Yep, I will be mowing 3 city lots (mine and 2 neighbors).

A lot of turns and tight spots, so something hydro for sure. I do not want to break the bank (limit of around $500), since I am taking on the additional mowing load gratis.

I have a 4 wheeler for other tasks.

Maybe a "newer" cheaper brand hydrostatic is the answer.


----------



## Jags (May 29, 2013)

HittinSteel said:


> Maybe a "newer" cheaper brand hydrostatic is the answer.


----------



## MasterMech (May 29, 2013)

wesessiah said:


> but, john deere, and husqvarna both have garden tractors


 
I can't speak for Husqvarna (that line-up is huge, way too big IMO) but Deere does not market the X300 series as Garden Tractors.  X500's and up are considered GT's.


----------



## tekguy (May 29, 2013)

HittinSteel said:


> Yep, I will be mowing 3 city lots (mine and 2 neighbors).
> 
> A lot of turns and tight spots, so something hydro for sure. I do not want to break the bank (limit of around $500), since I am taking on the additional mowing load gratis.
> 
> ...


 
i mow an acre.. 21" push mower for all the trim/close work and the tractor for all the wide open areas, its actually faster that way


----------



## MasterMech (May 29, 2013)

HittinSteel said:


> Maybe a "newer" cheaper brand hydrostatic is the answer.


 You know better.


----------



## wesessiah (May 29, 2013)

MasterMech said:


> I can't speak for Husqvarna (that line-up is huge, way too big IMO) but Deere does not market the X300 series as Garden Tractors. X500's and up are considered GT's.
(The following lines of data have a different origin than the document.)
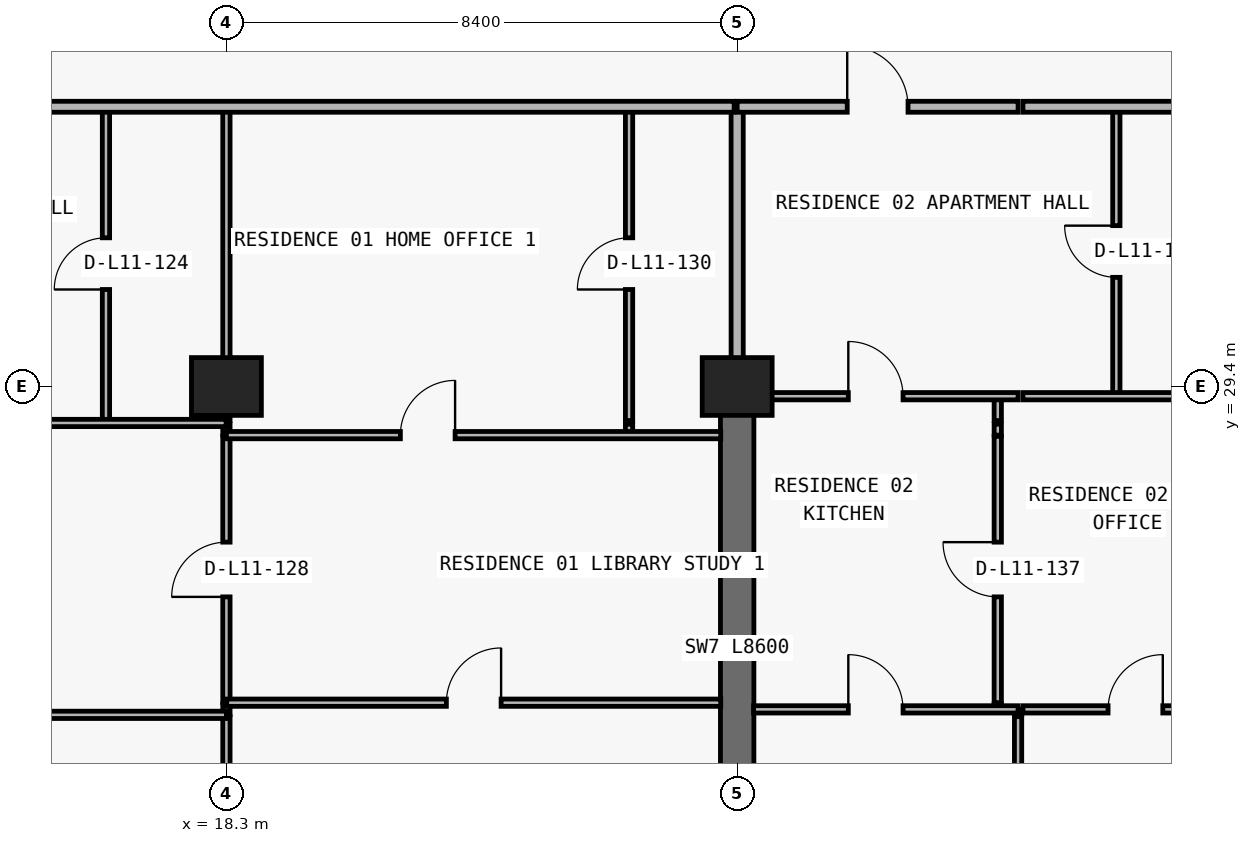
"""IFC4 building model, lengths in metres.
Left out: names, types, materials, properties, quantities, classifications, styles, units other than length and angle.
Written with IfcOpenShell. Run it as: python <this file> out.ifc"""

import sys

from ifc_helpers import new_model, si_unit, direction, frame, frame_2d, origin, origin_2d, place, context, subcontext, project, spatial, rectangle, extrude, element, fill, save


model = new_model("IFC4")
c1 = context("Model", 3, precision=1e-05, world=origin(), true_north=direction((0.0, 1.0)))
c2 = subcontext(c1, "Body", "Model", "MODEL_VIEW")
j1 = project(units=[si_unit("LENGTHUNIT", "METRE"), si_unit("PLANEANGLEUNIT", "RADIAN")], contexts=[c1])
p1 = place(None, origin())
s1 = spatial("IfcSite", under=j1, at=p1, CompositionType="ELEMENT")
p2 = place(p1, origin())
s2 = spatial("IfcBuilding", under=s1, at=p2, CompositionType="ELEMENT")
p3 = place(p2, frame((0.0, 0.0, 46.5)))
s3 = spatial("IfcBuildingStorey", under=s2, at=p3, CompositionType="ELEMENT", Elevation=46.5)
for number, where, z_axis, x_axis in (
    (1, (18.3, 29.4, 0.0), (0.0, 0.0, 1.0), (1.0, 0.0, 0.0)),
    (2, (26.7, 29.4, 0.0), (0.0, 0.0, 1.0), (1.0, 0.0, 0.0)),
):
    element("IfcColumn", number, at=place(p3, frame(where, z_axis=z_axis, x_axis=x_axis)), inside=s3, PredefinedType="COLUMN", context=c2, shape_type="SweptSolid", body=[
        extrude(rectangle(XDim=1.15, YDim=0.95, at=origin_2d()), origin(), (0.0, 0.0, 1.0), 3.05),
    ])
p4 = place(p3, frame((26.7, 20.8, 0.0), z_axis=(0.0, 0.0, 1.0), x_axis=(0.0, 1.0, 0.0)))
e3 = element("IfcWall", 3, at=p4, inside=s3, PredefinedType="SHEAR", context=c2, shape_type="SweptSolid", body=[
    extrude(rectangle(XDim=8.6, YDim=0.55, at=frame_2d((4.3, 0.0))), origin(), (0.0, 0.0, 1.0), 3.05),
])
p5 = place(p3, frame((16.319, 28.84, 0.0), z_axis=(0.0, 0.0, 1.0), x_axis=(0.0, 1.0, 0.0)))
e4 = element("IfcWall", 4, at=p5, inside=s3, PredefinedType="PARTITIONING", context=c2, shape_type="SweptSolid", body=[
    extrude(rectangle(XDim=5.16, YDim=0.12, at=frame_2d((2.58, 0.0))), origin(), (0.0, 0.0, 1.0), 3.05),
])
p6 = place(p5, frame((2.155, 0.0, 0.0)))
e5 = element("IfcOpeningElement", 5, at=p6, cuts=e4, PredefinedType="OPENING", context=c2, shape_type="SweptSolid", body=[
    extrude(rectangle(XDim=0.85, YDim=2.1, at=frame_2d((0.425, 1.05))), frame((0.0, 0.07, 0.0), z_axis=(0.0, -1.0, 0.0), x_axis=(1.0, 0.0, 0.0)), (0.0, 0.0, 1.0), 0.14),
])
p7 = place(p3, frame((18.3, 6.24, 0.0), z_axis=(0.0, 0.0, 1.0), x_axis=(0.0, 1.0, 0.0)))
e6 = element("IfcWall", 6, at=p7, inside=s3, PredefinedType="PARTITIONING", context=c2, shape_type="SweptSolid", body=[
    extrude(rectangle(XDim=17.73, YDim=0.12, at=frame_2d((8.865, 0.0))), origin(), (0.0, 0.0, 1.0), 2.11),
])
p8 = place(p3, frame((18.3, 24.0, 0.0), z_axis=(0.0, 0.0, 1.0), x_axis=(0.0, 1.0, 0.0)))
e7 = element("IfcWall", 7, at=p8, inside=s3, PredefinedType="PARTITIONING", context=c2, shape_type="SweptSolid", body=[
    extrude(rectangle(XDim=0.18, YDim=0.12, at=frame_2d((0.09, 0.0))), origin(), (0.0, 0.0, 1.0), 2.11),
])
p9 = place(p3, frame((18.3, 24.2, 0.0), z_axis=(0.0, 0.0, 1.0), x_axis=(0.0, 1.0, 0.0)))
e8 = element("IfcWall", 8, at=p9, inside=s3, PredefinedType="PARTITIONING", context=c2, shape_type="SweptSolid", body=[
    extrude(rectangle(XDim=4.38, YDim=0.12, at=frame_2d((2.19, 0.0))), origin(), (0.0, 0.0, 1.0), 2.11),
])
p10 = place(p9, frame((1.74, 0.0, 0.0)))
e9 = element("IfcOpeningElement", 9, at=p10, cuts=e8, PredefinedType="OPENING", context=c2, shape_type="SweptSolid", body=[
    extrude(rectangle(XDim=0.9, YDim=2.06, at=frame_2d((0.45, 1.03))), frame((0.0, 0.07, 0.0), z_axis=(0.0, -1.0, 0.0), x_axis=(1.0, 0.0, 0.0)), (0.0, 0.0, 1.0), 0.14),
])
p11 = place(p3, frame((18.3, 28.6, 0.0), z_axis=(0.0, 0.0, 1.0), x_axis=(0.0, 1.0, 0.0)))
e10 = element("IfcWall", 10, at=p11, inside=s3, PredefinedType="PARTITIONING", context=c2, shape_type="SweptSolid", body=[
    extrude(rectangle(XDim=0.18, YDim=0.12, at=frame_2d((0.09, 0.0))), origin(), (0.0, 0.0, 1.0), 2.11),
])
p12 = place(p3, frame((18.3, 28.84, 0.0), z_axis=(0.0, 0.0, 1.0), x_axis=(0.0, 1.0, 0.0)))
e11 = element("IfcWall", 11, at=p12, inside=s3, PredefinedType="PARTITIONING", context=c2, shape_type="SweptSolid", body=[
    extrude(rectangle(XDim=5.16, YDim=0.12, at=frame_2d((2.58, 0.0))), origin(), (0.0, 0.0, 1.0), 2.11),
])
p13 = place(p3, frame((24.922, 28.6, 0.0), z_axis=(0.0, 0.0, 1.0), x_axis=(0.0, 1.0, 0.0)))
e12 = element("IfcWall", 12, at=p13, inside=s3, PredefinedType="PARTITIONING", context=c2, shape_type="SweptSolid", body=[
    extrude(rectangle(XDim=0.18, YDim=0.12, at=frame_2d((0.09, 0.0))), origin(), (0.0, 0.0, 1.0), 3.05),
])
p14 = place(p3, frame((24.922, 28.84, 0.0), z_axis=(0.0, 0.0, 1.0), x_axis=(0.0, 1.0, 0.0)))
e13 = element("IfcWall", 13, at=p14, inside=s3, PredefinedType="PARTITIONING", context=c2, shape_type="SweptSolid", body=[
    extrude(rectangle(XDim=5.16, YDim=0.12, at=frame_2d((2.58, 0.0))), origin(), (0.0, 0.0, 1.0), 3.05),
])
p15 = place(p14, frame((2.155, 0.0, 0.0)))
e14 = element("IfcOpeningElement", 14, at=p15, cuts=e13, PredefinedType="OPENING", context=c2, shape_type="SweptSolid", body=[
    extrude(rectangle(XDim=0.85, YDim=2.1, at=frame_2d((0.425, 1.05))), frame((0.0, 0.07, 0.0), z_axis=(0.0, -1.0, 0.0), x_axis=(1.0, 0.0, 0.0)), (0.0, 0.0, 1.0), 0.14),
])
p16 = place(p3, frame((26.7, 29.405, 0.0), z_axis=(0.0, 0.0, 1.0), x_axis=(0.0, 1.0, 0.0)))
e15 = element("IfcWall", 15, at=p16, inside=s3, PredefinedType="PARTITIONING", context=c2, shape_type="SweptSolid", body=[
    extrude(rectangle(XDim=4.595, YDim=0.2, at=frame_2d((2.297, 0.0))), origin(), (0.0, 0.0, 1.0), 2.335),
])
p17 = place(p3, frame((30.986, 24.09, 0.0), z_axis=(0.0, 0.0, 1.0), x_axis=(0.0, 1.0, 0.0)))
e16 = element("IfcWall", 16, at=p17, inside=s3, PredefinedType="PARTITIONING", context=c2, shape_type="SweptSolid", body=[
    extrude(rectangle(XDim=0.09, YDim=0.12, at=frame_2d((0.045, 0.0))), origin(), (0.0, 0.0, 1.0), 3.05),
])
p18 = place(p3, frame((30.986, 24.2, 0.0), z_axis=(0.0, 0.0, 1.0), x_axis=(0.0, 1.0, 0.0)))
e17 = element("IfcWall", 17, at=p18, inside=s3, PredefinedType="PARTITIONING", context=c2, shape_type="SweptSolid", body=[
    extrude(rectangle(XDim=4.38, YDim=0.12, at=frame_2d((2.19, 0.0))), origin(), (0.0, 0.0, 1.0), 3.05),
])
p19 = place(p18, frame((1.74, 0.0, 0.0)))
e18 = element("IfcOpeningElement", 18, at=p19, cuts=e17, PredefinedType="OPENING", context=c2, shape_type="SweptSolid", body=[
    extrude(rectangle(XDim=0.9, YDim=2.15, at=frame_2d((0.45, 1.075))), frame((0.0, 0.07, 0.0), z_axis=(0.0, -1.0, 0.0), x_axis=(1.0, 0.0, 0.0)), (0.0, 0.0, 1.0), 0.14),
])
p20 = place(p3, frame((30.986, 28.6, 0.0), z_axis=(0.0, 0.0, 1.0), x_axis=(0.0, 1.0, 0.0)))
e19 = element("IfcWall", 19, at=p20, inside=s3, PredefinedType="PARTITIONING", context=c2, shape_type="SweptSolid", body=[
    extrude(rectangle(XDim=0.18, YDim=0.12, at=frame_2d((0.09, 0.0))), origin(), (0.0, 0.0, 1.0), 3.05),
])
p21 = place(p3, frame((30.986, 28.84, 0.0), z_axis=(0.0, 0.0, 1.0), x_axis=(0.0, 1.0, 0.0)))
e20 = element("IfcWall", 20, at=p21, inside=s3, PredefinedType="PARTITIONING", context=c2, shape_type="SweptSolid", body=[
    extrude(rectangle(XDim=0.4, YDim=0.12, at=frame_2d((0.2, 0.0))), origin(), (0.0, 0.0, 1.0), 3.05),
])
p22 = place(p3, frame((31.32, 6.24, 0.0), z_axis=(0.0, 0.0, 1.0), x_axis=(0.0, 1.0, 0.0)))
e21 = element("IfcWall", 21, at=p22, inside=s3, PredefinedType="PARTITIONING", context=c2, shape_type="SweptSolid", body=[
    extrude(rectangle(XDim=17.73, YDim=0.12, at=frame_2d((8.865, 0.0))), origin(), (0.0, 0.0, 1.0), 3.05),
])
p23 = place(p3, frame((31.32, 24.0, 0.0), z_axis=(0.0, 0.0, 1.0), x_axis=(0.0, 1.0, 0.0)))
e22 = element("IfcWall", 22, at=p23, inside=s3, PredefinedType="PARTITIONING", context=c2, shape_type="SweptSolid", body=[
    extrude(rectangle(XDim=0.09, YDim=0.12, at=frame_2d((0.045, 0.0))), origin(), (0.0, 0.0, 1.0), 3.05),
])
p24 = place(p3, frame((32.936, 29.24, 0.0), z_axis=(0.0, 0.0, 1.0), x_axis=(0.0, 1.0, 0.0)))
e23 = element("IfcWall", 23, at=p24, inside=s3, PredefinedType="PARTITIONING", context=c2, shape_type="SweptSolid", body=[
    extrude(rectangle(XDim=4.76, YDim=0.12, at=frame_2d((2.38, 0.0))), origin(), (0.0, 0.0, 1.0), 3.05),
])
p25 = place(p24, frame((1.955, 0.0, 0.0)))
e24 = element("IfcOpeningElement", 24, at=p25, cuts=e23, PredefinedType="OPENING", context=c2, shape_type="SweptSolid", body=[
    extrude(rectangle(XDim=0.85, YDim=2.1, at=frame_2d((0.425, 1.05))), frame((0.0, 0.07, 0.0), z_axis=(0.0, -1.0, 0.0), x_axis=(1.0, 0.0, 0.0)), (0.0, 0.0, 1.0), 0.14),
])
p26 = place(p3, frame((9.9, 24.0, 0.0), z_axis=(0.0, 0.0, 1.0), x_axis=(1.0, 0.0, 0.0)))
e25 = element("IfcWall", 25, at=p26, inside=s3, PredefinedType="PARTITIONING", context=c2, shape_type="SweptSolid", body=[
    extrude(rectangle(XDim=8.4, YDim=0.12, at=frame_2d((4.2, 0.0))), origin(), (0.0, 0.0, 1.0), 3.05),
])
p27 = place(p26, frame((1.44, 0.0, 0.0)))
e26 = element("IfcOpeningElement", 26, at=p27, cuts=e25, PredefinedType="OPENING", context=c2, shape_type="SweptSolid", body=[
    extrude(rectangle(XDim=0.9, YDim=2.15, at=frame_2d((0.45, 1.075))), frame((0.0, 0.07, 0.0), z_axis=(0.0, -1.0, 0.0), x_axis=(1.0, 0.0, 0.0)), (0.0, 0.0, 1.0), 0.14),
])
p28 = place(p3, frame((26.97, 24.09, 0.0), z_axis=(0.0, 0.0, 1.0), x_axis=(1.0, 0.0, 0.0)))
e27 = element("IfcWall", 27, at=p28, inside=s3, PredefinedType="PARTITIONING", context=c2, shape_type="SweptSolid", body=[
    extrude(rectangle(XDim=4.35, YDim=0.12, at=frame_2d((2.175, 0.0))), origin(), (0.0, 0.0, 1.0), 3.05),
])
p29 = place(p28, frame((1.558, 0.0, 0.0)))
e28 = element("IfcOpeningElement", 28, at=p29, cuts=e27, PredefinedType="OPENING", context=c2, shape_type="SweptSolid", body=[
    extrude(rectangle(XDim=0.9, YDim=2.15, at=frame_2d((0.45, 1.075))), frame((0.0, 0.07, 0.0), z_axis=(0.0, -1.0, 0.0), x_axis=(1.0, 0.0, 0.0)), (0.0, 0.0, 1.0), 0.14),
])
p30 = place(p3, frame((31.4, 24.09, 0.0), z_axis=(0.0, 0.0, 1.0), x_axis=(1.0, 0.0, 0.0)))
e29 = element("IfcWall", 29, at=p30, inside=s3, PredefinedType="PARTITIONING", context=c2, shape_type="SweptSolid", body=[
    extrude(rectangle(XDim=3.7, YDim=0.12, at=frame_2d((1.85, 0.0))), origin(), (0.0, 0.0, 1.0), 3.05),
])
p31 = place(p30, frame((1.4, 0.0, 0.0)))
e30 = element("IfcOpeningElement", 30, at=p31, cuts=e29, PredefinedType="OPENING", context=c2, shape_type="SweptSolid", body=[
    extrude(rectangle(XDim=0.9, YDim=2.15, at=frame_2d((0.45, 1.075))), frame((0.0, 0.07, 0.0), z_axis=(0.0, -1.0, 0.0), x_axis=(1.0, 0.0, 0.0)), (0.0, 0.0, 1.0), 0.14),
])
p32 = place(p3, frame((18.305, 24.2, 0.0), z_axis=(0.0, 0.0, 1.0), x_axis=(1.0, 0.0, 0.0)))
e31 = element("IfcWall", 31, at=p32, inside=s3, PredefinedType="PARTITIONING", context=c2, shape_type="SweptSolid", body=[
    extrude(rectangle(XDim=8.125, YDim=0.12, at=frame_2d((4.062, 0.0))), origin(), (0.0, 0.0, 1.0), 3.05),
])
p33 = place(p32, frame((3.613, 0.0, 0.0)))
e32 = element("IfcOpeningElement", 32, at=p33, cuts=e31, PredefinedType="OPENING", context=c2, shape_type="SweptSolid", body=[
    extrude(rectangle(XDim=0.9, YDim=2.15, at=frame_2d((0.45, 1.075))), frame((0.0, 0.07, 0.0), z_axis=(0.0, -1.0, 0.0), x_axis=(1.0, 0.0, 0.0)), (0.0, 0.0, 1.0), 0.14),
])
p34 = place(p3, frame((18.3, 28.6, 0.0), z_axis=(0.0, 0.0, 1.0), x_axis=(1.0, 0.0, 0.0)))
e33 = element("IfcWall", 33, at=p34, inside=s3, PredefinedType="PARTITIONING", context=c2, shape_type="SweptSolid", body=[
    extrude(rectangle(XDim=8.13, YDim=0.12, at=frame_2d((4.065, 0.0))), origin(), (0.0, 0.0, 1.0), 3.05),
])
p35 = place(p34, frame((2.861, 0.0, 0.0)))
e34 = element("IfcOpeningElement", 34, at=p35, cuts=e33, PredefinedType="OPENING", context=c2, shape_type="SweptSolid", body=[
    extrude(rectangle(XDim=0.9, YDim=2.15, at=frame_2d((0.45, 1.075))), frame((0.0, 0.07, 0.0), z_axis=(0.0, -1.0, 0.0), x_axis=(1.0, 0.0, 0.0)), (0.0, 0.0, 1.0), 0.14),
])
p36 = place(p3, frame((9.9, 28.8, 0.0), z_axis=(0.0, 0.0, 1.0), x_axis=(1.0, 0.0, 0.0)))
e35 = element("IfcWall", 35, at=p36, inside=s3, PredefinedType="PARTITIONING", context=c2, shape_type="SweptSolid", body=[
    extrude(rectangle(XDim=8.395, YDim=0.12, at=frame_2d((4.198, 0.0))), origin(), (0.0, 0.0, 1.0), 3.05),
])
p37 = place(p36, frame((1.44, 0.0, 0.0)))
e36 = element("IfcOpeningElement", 36, at=p37, cuts=e35, PredefinedType="OPENING", context=c2, shape_type="SweptSolid", body=[
    extrude(rectangle(XDim=0.9, YDim=2.15, at=frame_2d((0.45, 1.075))), frame((0.0, 0.07, 0.0), z_axis=(0.0, -1.0, 0.0), x_axis=(1.0, 0.0, 0.0)), (0.0, 0.0, 1.0), 0.14),
])
p38 = place(p3, frame((26.97, 29.24, 0.0), z_axis=(0.0, 0.0, 1.0), x_axis=(1.0, 0.0, 0.0)))
e37 = element("IfcWall", 37, at=p38, inside=s3, PredefinedType="PARTITIONING", context=c2, shape_type="SweptSolid", body=[
    extrude(rectangle(XDim=4.35, YDim=0.12, at=frame_2d((2.175, 0.0))), origin(), (0.0, 0.0, 1.0), 2.11),
])
p39 = place(p38, frame((1.558, 0.0, 0.0)))
e38 = element("IfcOpeningElement", 38, at=p39, cuts=e37, PredefinedType="OPENING", context=c2, shape_type="SweptSolid", body=[
    extrude(rectangle(XDim=0.9, YDim=2.06, at=frame_2d((0.45, 1.03))), frame((0.0, 0.07, 0.0), z_axis=(0.0, -1.0, 0.0), x_axis=(1.0, 0.0, 0.0)), (0.0, 0.0, 1.0), 0.14),
])
p40 = place(p3, frame((31.4, 29.24, 0.0), z_axis=(0.0, 0.0, 1.0), x_axis=(1.0, 0.0, 0.0)))
e39 = element("IfcWall", 39, at=p40, inside=s3, PredefinedType="PARTITIONING", context=c2, shape_type="SweptSolid", body=[
    extrude(rectangle(XDim=3.7, YDim=0.12, at=frame_2d((1.85, 0.0))), origin(), (0.0, 0.0, 1.0), 2.11),
])
p41 = place(p3, frame((5.105, 34.0, 0.0), z_axis=(0.0, 0.0, 1.0), x_axis=(1.0, 0.0, 0.0)))
e40 = element("IfcWall", 40, at=p41, inside=s3, PredefinedType="PARTITIONING", context=c2, shape_type="SweptSolid", body=[
    extrude(rectangle(XDim=21.545, YDim=0.18, at=frame_2d((10.772, 0.0))), origin(), (0.0, 0.0, 1.0), 3.05),
])
p42 = place(p41, frame((7.504, 0.0, 0.0)))
e41 = element("IfcOpeningElement", 41, at=p42, cuts=e40, PredefinedType="OPENING", context=c2, shape_type="SweptSolid", body=[
    extrude(rectangle(XDim=1.0, YDim=2.2, at=frame_2d((0.5, 1.1))), frame((0.0, 0.1, 0.0), z_axis=(0.0, -1.0, 0.0), x_axis=(1.0, 0.0, 0.0)), (0.0, 0.0, 1.0), 0.2),
])
p43 = place(p3, frame((26.7, 34.0, 0.0), z_axis=(0.0, 0.0, 1.0), x_axis=(1.0, 0.0, 0.0)))
e42 = element("IfcWall", 42, at=p43, inside=s3, PredefinedType="PARTITIONING", context=c2, shape_type="SweptSolid", body=[
    extrude(rectangle(XDim=4.62, YDim=0.18, at=frame_2d((2.31, 0.0))), origin(), (0.0, 0.0, 1.0), 3.05),
])
p44 = place(p43, frame((1.81, 0.0, 0.0)))
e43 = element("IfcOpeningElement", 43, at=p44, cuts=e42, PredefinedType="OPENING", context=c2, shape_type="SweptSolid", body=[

i've never really been sure what they considered garden tractors, since they even have the x700 in the drop down for lawn tractors. i have to admit, i enjoy mowing with the k46 much more than a manual... i actually feel like striping my yard with it, lol.


----------



## MasterMech (May 29, 2013)

HS, Check this out. Good units, especially for tight areas.

http://akroncanton.craigslist.org/grd/3824413393.html

Too bad it's not an STX38 Hydro, the hood on this one is worth half the price of the tractor.

http://akroncanton.craigslist.org/grd/3752869362.html


----------



## HittinSteel (May 29, 2013)

Alright then.......keep the suggestions coming.

Is this junk?    http://mansfield.craigslist.org/grd/3835909197.html


----------



## HittinSteel (May 29, 2013)

what about the deere stx

http://mansfield.craigslist.org/grd/3829246210.html


----------



## MasterMech (May 29, 2013)

HittinSteel said:


> what about the deere stx
> 
> http://mansfield.craigslist.org/grd/3829246210.html


Great tractors for small lawns, not as tough as the 165, 175, 185 but good machines nontheless.  Looks clean and price is good.


----------



## MasterMech (May 29, 2013)

HittinSteel said:


> Alright then.......keep the suggestions coming.
> 
> Is this junk? http://mansfield.craigslist.org/grd/3835909197.html


"19 HP Kohler Courage" = Headaches.  Keep looking.


----------



## HittinSteel (May 29, 2013)

Alright, I may call on that one.


----------



## Bret Hart (May 29, 2013)

A bit too far to drive I'm sure but I think something like this could be a good choice.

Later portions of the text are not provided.